Unser Leben wurde 2020 auf den Kopf gestellt – beruflich und privat. Veränderungen stellen für viele von uns eine Herausforderung dar. Doch warum gehen wir so unterschiedlich mit ihnen um? Was motiviert die einen, Eigenverantwortung zu übernehmen und auch in schwierigen Situationen den Handlungsspielraum zu sehen?
Frau mit Kaffee-Tasse
«Die einzige Konstante im Leben ist die Veränderung», wusste schon der griechische Philosoph Heraklit. Im vergangenen Jahr spürten wir dies deutlicher denn je. Vieles, was zuvor unvorstellbar war, wurde zur neuen Realität. Die Auswirkungen der Coronapandemie haben unser Leben umgekrempelt. In einer Studie von Sotomo gab fast die Hälfte der Befragten an, die Coronapandemie habe sich negativ auf ihre Stimmungslage ausgewirkt. Es zeigte sich jedoch auch: Auf Personen in einer stabilen Lebenssituation trifft dies deutlich weniger zu.
Dr. phil. Melanie Peter ist Psychotherapeutin und erhält vermehrt Anfragen von Menschen, die durch die Coronasituation aus der Bahn geworfen wurden. Sie sagt, das Virus bedrohe die vier psychischen Grundbedürfnisse des Menschen: Autonomie, Selbstwertsteigerung, Bindung und Lustgewinn. Deshalb sei es wichtig, sich zu fragen: Wo kann ich trotz Krise autonom leben? Wie kann ich trotz «social distancing» mein Bindungsbedürfnis stillen? Was kann ich tun, um mich trotz Jobverlust wertvoll zu fühlen? Und: Wie kann ich angenehme Aktivitäten mit der Coronasituation in Einklang bringen? Wir wollten mehr darüber erfahren und haben mit der Psychotherapeutin gesprochen.

Warum gehen Menschen so unterschiedlich mit Krisen um?

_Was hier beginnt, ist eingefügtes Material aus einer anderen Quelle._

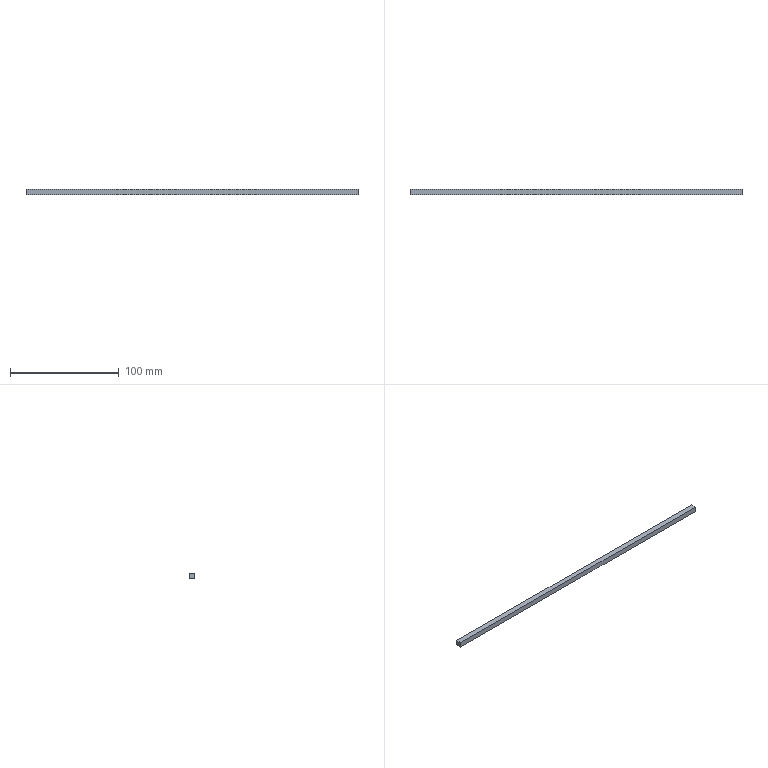Component | SolidWorks | Part23-1 | 1 solid | 6 faces | box 305.58 x 5 x 4.86 mm | volume 7420 mm3 | plane 6
build123d program:
from build123d import *

# Parameters (mm, degrees)
SKETCH1_W           = 4.857
SKETCH1_H           = 5
BOSS_EXTRUDE1_DEPTH = 305.58


with BuildPart() as part:
    # Sketch1 → Boss-Extrude1 (new body)
    with BuildSketch(Plane.XY):
        with Locations((276.879, 308.428)):
            Rectangle(SKETCH1_W, SKETCH1_H)
    extrude(amount=-BOSS_EXTRUDE1_DEPTH)


solid = part.part

# Placed as in the assembly
solid = solid.moved(Location((152.794, -25.683, -135.592), (0, 90, 0)))
STEP:
#1=CARTESIAN_POINT('',(6.016,11.23,-16.143));
#2=VERTEX_POINT('',#1);
#3=CARTESIAN_POINT('',(6.016,11.033,-16.143));
#4=VERTEX_POINT('',#3);
#5=CARTESIAN_POINT('',(6.016,11.23,-16.143));
#6=DIRECTION('',(0.,-1.,0.));
#7=VECTOR('',#6,39.37);
#8=LINE('',#5,#7);
#9=EDGE_CURVE('',#2,#4,#8,.T.);
#10=ORIENTED_EDGE('',*,*,#9,.F.);
#11=CARTESIAN_POINT('',(-6.015,11.23,-16.143));
#12=VERTEX_POINT('',#11);
#13=CARTESIAN_POINT('',(-6.015,11.23,-16.143));
#14=DIRECTION('',(1.,0.,0.));
#15=VECTOR('',#14,39.37);
#16=LINE('',#13,#15);
#17=EDGE_CURVE('',#12,#2,#16,.T.);
#18=ORIENTED_EDGE('',*,*,#17,.F.);
#19=CARTESIAN_POINT('',(-6.015,11.033,-16.143));
#20=VERTEX_POINT('',#19);
#21=CARTESIAN_POINT('',(-6.015,11.23,-16.143));
#22=DIRECTION('',(0.,-1.,0.));
#23=VECTOR('',#22,39.37);
#24=LINE('',#21,#23);
#25=EDGE_CURVE('',#12,#20,#24,.T.);
#26=ORIENTED_EDGE('',*,*,#25,.T.);
#27=CARTESIAN_POINT('',(-6.015,11.033,-16.143));
#28=DIRECTION('',(1.,0.,0.));
#29=VECTOR('',#28,39.37);
#30=LINE('',#27,#29);
#31=EDGE_CURVE('',#20,#4,#30,.T.);
#32=ORIENTED_EDGE('',*,*,#31,.T.);
#33=EDGE_LOOP('',(#10,#18,#26,#32));
#34=FACE_OUTER_BOUND('',#33,.T.);
#35=CARTESIAN_POINT('',(-6.015,11.23,-16.143));
#36=DIRECTION('',(0.,0.,1.));
#37=DIRECTION('',(1.,0.,0.));
#38=AXIS2_PLACEMENT_3D('',#35,#36,#37);
#39=PLANE('',#38);
#40=ADVANCED_FACE('',(#34),#39,.T.);
#41=CARTESIAN_POINT('',(6.016,11.23,-16.335));
#42=VERTEX_POINT('',#41);
#43=CARTESIAN_POINT('',(6.016,11.23,-16.143));
#44=DIRECTION('',(0.,0.,1.));
#45=VECTOR('',#44,39.37);
#46=LINE('',#43,#45);
#47=EDGE_CURVE('',#42,#2,#46,.T.);
#48=ORIENTED_EDGE('',*,*,#47,.F.);
#49=CARTESIAN_POINT('',(-6.015,11.23,-16.335));
#50=VERTEX_POINT('',#49);
#51=CARTESIAN_POINT('',(-6.015,11.23,-16.335));
#52=DIRECTION('',(1.,0.,0.));
#53=VECTOR('',#52,39.37);
#54=LINE('',#51,#53);
#55=EDGE_CURVE('',#50,#42,#54,.T.);
#56=ORIENTED_EDGE('',*,*,#55,.F.);
#57=CARTESIAN_POINT('',(-6.015,11.23,-16.143));
#58=DIRECTION('',(0.,0.,1.));
#59=VECTOR('',#58,39.37);
#60=LINE('',#57,#59);
#61=EDGE_CURVE('',#50,#12,#60,.T.);
#62=ORIENTED_EDGE('',*,*,#61,.T.);
#63=ORIENTED_EDGE('',*,*,#17,.T.);
#64=EDGE_LOOP('',(#48,#56,#62,#63));
#65=FACE_OUTER_BOUND('',#64,.T.);
#66=CARTESIAN_POINT('',(-6.015,11.23,-16.143));
#67=DIRECTION('',(0.,1.,0.));
#68=DIRECTION('',(1.,0.,0.));
#69=AXIS2_PLACEMENT_3D('',#66,#67,#68);
#70=PLANE('',#69);
#71=ADVANCED_FACE('',(#65),#70,.T.);
#72=CARTESIAN_POINT('',(6.016,11.033,-16.335));
#73=VERTEX_POINT('',#72);
#74=CARTESIAN_POINT('',(6.016,11.23,-16.335));
#75=DIRECTION('',(0.,1.,0.));
#76=VECTOR('',#75,39.37);
#77=LINE('',#74,#76);
#78=EDGE_CURVE('',#73,#42,#77,.T.);
#79=ORIENTED_EDGE('',*,*,#78,.F.);
#80=CARTESIAN_POINT('',(-6.015,11.033,-16.335));
#81=VERTEX_POINT('',#80);
#82=CARTESIAN_POINT('',(-6.015,11.033,-16.335));
#83=DIRECTION('',(1.,0.,0.));
#84=VECTOR('',#83,39.37);
#85=LINE('',#82,#84);
#86=EDGE_CURVE('',#81,#73,#85,.T.);
#87=ORIENTED_EDGE('',*,*,#86,.F.);
#88=CARTESIAN_POINT('',(-6.015,11.23,-16.335));
#89=DIRECTION('',(0.,1.,0.));
#90=VECTOR('',#89,39.37);
#91=LINE('',#88,#90);
#92=EDGE_CURVE('',#81,#50,#91,.T.);
#93=ORIENTED_EDGE('',*,*,#92,.T.);
#94=ORIENTED_EDGE('',*,*,#55,.T.);
#95=EDGE_LOOP('',(#79,#87,#93,#94));
#96=FACE_OUTER_BOUND('',#95,.T.);
#97=CARTESIAN_POINT('',(-6.015,11.23,-16.335));
#98=DIRECTION('',(0.,0.,-1.));
#99=DIRECTION('',(-1.,0.,0.));
#100=AXIS2_PLACEMENT_3D('',#97,#98,#99);
#101=PLANE('',#100);
#102=ADVANCED_FACE('',(#96),#101,.T.);
#103=CARTESIAN_POINT('',(6.016,11.033,-16.143));
#104=DIRECTION('',(0.,0.,-1.));
#105=VECTOR('',#104,39.37);
#106=LINE('',#103,#105);
#107=EDGE_CURVE('',#4,#73,#106,.T.);
#108=ORIENTED_EDGE('',*,*,#107,.F.);
#109=ORIENTED_EDGE('',*,*,#31,.F.);
#110=CARTESIAN_POINT('',(-6.015,11.033,-16.143));
#111=DIRECTION('',(0.,0.,-1.));
#112=VECTOR('',#111,39.37);
#113=LINE('',#110,#112);
#114=EDGE_CURVE('',#20,#81,#113,.T.);
#115=ORIENTED_EDGE('',*,*,#114,.T.);
#116=ORIENTED_EDGE('',*,*,#86,.T.);
#117=EDGE_LOOP('',(#108,#109,#115,#116));
#118=FACE_OUTER_BOUND('',#117,.T.);
#119=CARTESIAN_POINT('',(-6.015,11.033,-16.143));
#120=DIRECTION('',(0.,-1.,0.));
#121=DIRECTION('',(-1.,0.,0.));
#122=AXIS2_PLACEMENT_3D('',#119,#120,#121);
#123=PLANE('',#122);
#124=ADVANCED_FACE('',(#118),#123,.T.);
#125=ORIENTED_EDGE('',*,*,#25,.F.);
#126=ORIENTED_EDGE('',*,*,#61,.F.);
#127=ORIENTED_EDGE('',*,*,#92,.F.);
#128=ORIENTED_EDGE('',*,*,#114,.F.);
#129=EDGE_LOOP('',(#125,#126,#127,#128));
#130=FACE_OUTER_BOUND('',#129,.T.);
#131=CARTESIAN_POINT('',(-6.015,-1.011,-5.338));
#132=DIRECTION('',(1.,0.,0.));
#133=DIRECTION('',(0.,0.,-1.));
#134=AXIS2_PLACEMENT_3D('',#131,#132,#133);
#135=PLANE('',#134);
#136=ADVANCED_FACE('',(#130),#135,.F.);
#137=ORIENTED_EDGE('',*,*,#9,.T.);
#138=ORIENTED_EDGE('',*,*,#107,.T.);
#139=ORIENTED_EDGE('',*,*,#78,.T.);
#140=ORIENTED_EDGE('',*,*,#47,.T.);
#141=EDGE_LOOP('',(#137,#138,#139,#140));
#142=FACE_OUTER_BOUND('',#141,.T.);
#143=CARTESIAN_POINT('',(6.016,-1.011,-5.338));
#144=DIRECTION('',(1.,0.,0.));
#145=DIRECTION('',(0.,0.,-1.));
#146=AXIS2_PLACEMENT_3D('',#143,#144,#145);
#147=PLANE('',#146);
#148=ADVANCED_FACE('',(#142),#147,.T.);
#149=CLOSED_SHELL('',(#40,#71,#102,#124,#136,#148));
#150=MANIFOLD_SOLID_BREP('',#149);
#151=CARTESIAN_POINT('',(0.,0.,0.));
#152=DIRECTION('',(0.,0.,1.));
#153=DIRECTION('',(1.,0.,0.));
#154=AXIS2_PLACEMENT_3D('',#151,#152,#153);
#155=(LENGTH_UNIT()NAMED_UNIT(*)SI_UNIT($,.METRE.));
#156=LENGTH_MEASURE_WITH_UNIT(LENGTH_MEASURE(0.0254),#155);
#157=DIMENSIONAL_EXPONENTS(1.,0.,0.,0.,0.,0.,0.);
#158=(CONVERSION_BASED_UNIT('',#156)LENGTH_UNIT()NAMED_UNIT(#157));
#159=UNCERTAINTY_MEASURE_WITH_UNIT(LENGTH_MEASURE(0.00001),#158,'','');
#160=(NAMED_UNIT(*)PLANE_ANGLE_UNIT()SI_UNIT($,.RADIAN.));
#161=(NAMED_UNIT(*)SI_UNIT($,.STERADIAN.)SOLID_ANGLE_UNIT());
#162=(GEOMETRIC_REPRESENTATION_CONTEXT(3)GLOBAL_UNCERTAINTY_ASSIGNED_CONTEXT((#159))GLOBAL_UNIT_ASSIGNED_CONTEXT((#158,#160,#161))REPRESENTATION_CONTEXT('',''));
#163=ADVANCED_BREP_SHAPE_REPRESENTATION('',(#150,#154),#162);
#164=COLOUR_RGB('',0.7922,0.8196,0.9333);
#165=FILL_AREA_STYLE_COLOUR('',#164);
#166=FILL_AREA_STYLE('',(#165));
#167=SURFACE_STYLE_FILL_AREA(#166);
#168=SURFACE_SIDE_STYLE('',(#167));
#169=SURFACE_STYLE_USAGE(.BOTH.,#168);
#170=PRESENTATION_STYLE_ASSIGNMENT((#169));
#171=STYLED_ITEM('',(#170),#150);
#172=(LENGTH_UNIT()NAMED_UNIT(*)SI_UNIT($,.METRE.));
#173=LENGTH_MEASURE_WITH_UNIT(LENGTH_MEASURE(0.0254),#172);
#174=DIMENSIONAL_EXPONENTS(1.,0.,0.,0.,0.,0.,0.);
#175=(CONVERSION_BASED_UNIT('',#173)LENGTH_UNIT()NAMED_UNIT(#174));
#176=UNCERTAINTY_MEASURE_WITH_UNIT(LENGTH_MEASURE(0.00001),#175,'','');
#177=(NAMED_UNIT(*)PLANE_ANGLE_UNIT()SI_UNIT($,.RADIAN.));
#178=(NAMED_UNIT(*)SI_UNIT($,.STERADIAN.)SOLID_ANGLE_UNIT());
#179=(GEOMETRIC_REPRESENTATION_CONTEXT(3)GLOBAL_UNCERTAINTY_ASSIGNED_CONTEXT((#176))GLOBAL_UNIT_ASSIGNED_CONTEXT((#175,#177,#178))REPRESENTATION_CONTEXT('',''));
#180=MECHANICAL_DESIGN_GEOMETRIC_PRESENTATION_REPRESENTATION('',(#171),#179);
#181=PRESENTATION_LAYER_ASSIGNMENT('','',(#171));

Es ist normal, dass uns schwierige Lebensereignisse verunsichern und herausfordern. Wir werden aus der Bahn geworfen und müssen uns erst neu orientieren. Diese Neuorientierung oder Stabilisierung gelingt denjenigen Menschen besser, die ihre Gefühle wahrnehmen, reflektieren und erleben, dass sie selbst etwas bewirken können. Dies sind Menschen, die davon ausgehen, dass ihr Handeln zu einer positiven Veränderung führen kann. Meist verfügen sie über eine hohe Sozialkompetenz und sind bereit, sich in Krisensituationen Unterstützung zu holen. Zudem können sie die problematische Situation richtig einordnen und entwickeln entsprechend Handlungsmöglichkeiten. Diese Fähigkeiten nennt man resilienzfördernde Faktoren.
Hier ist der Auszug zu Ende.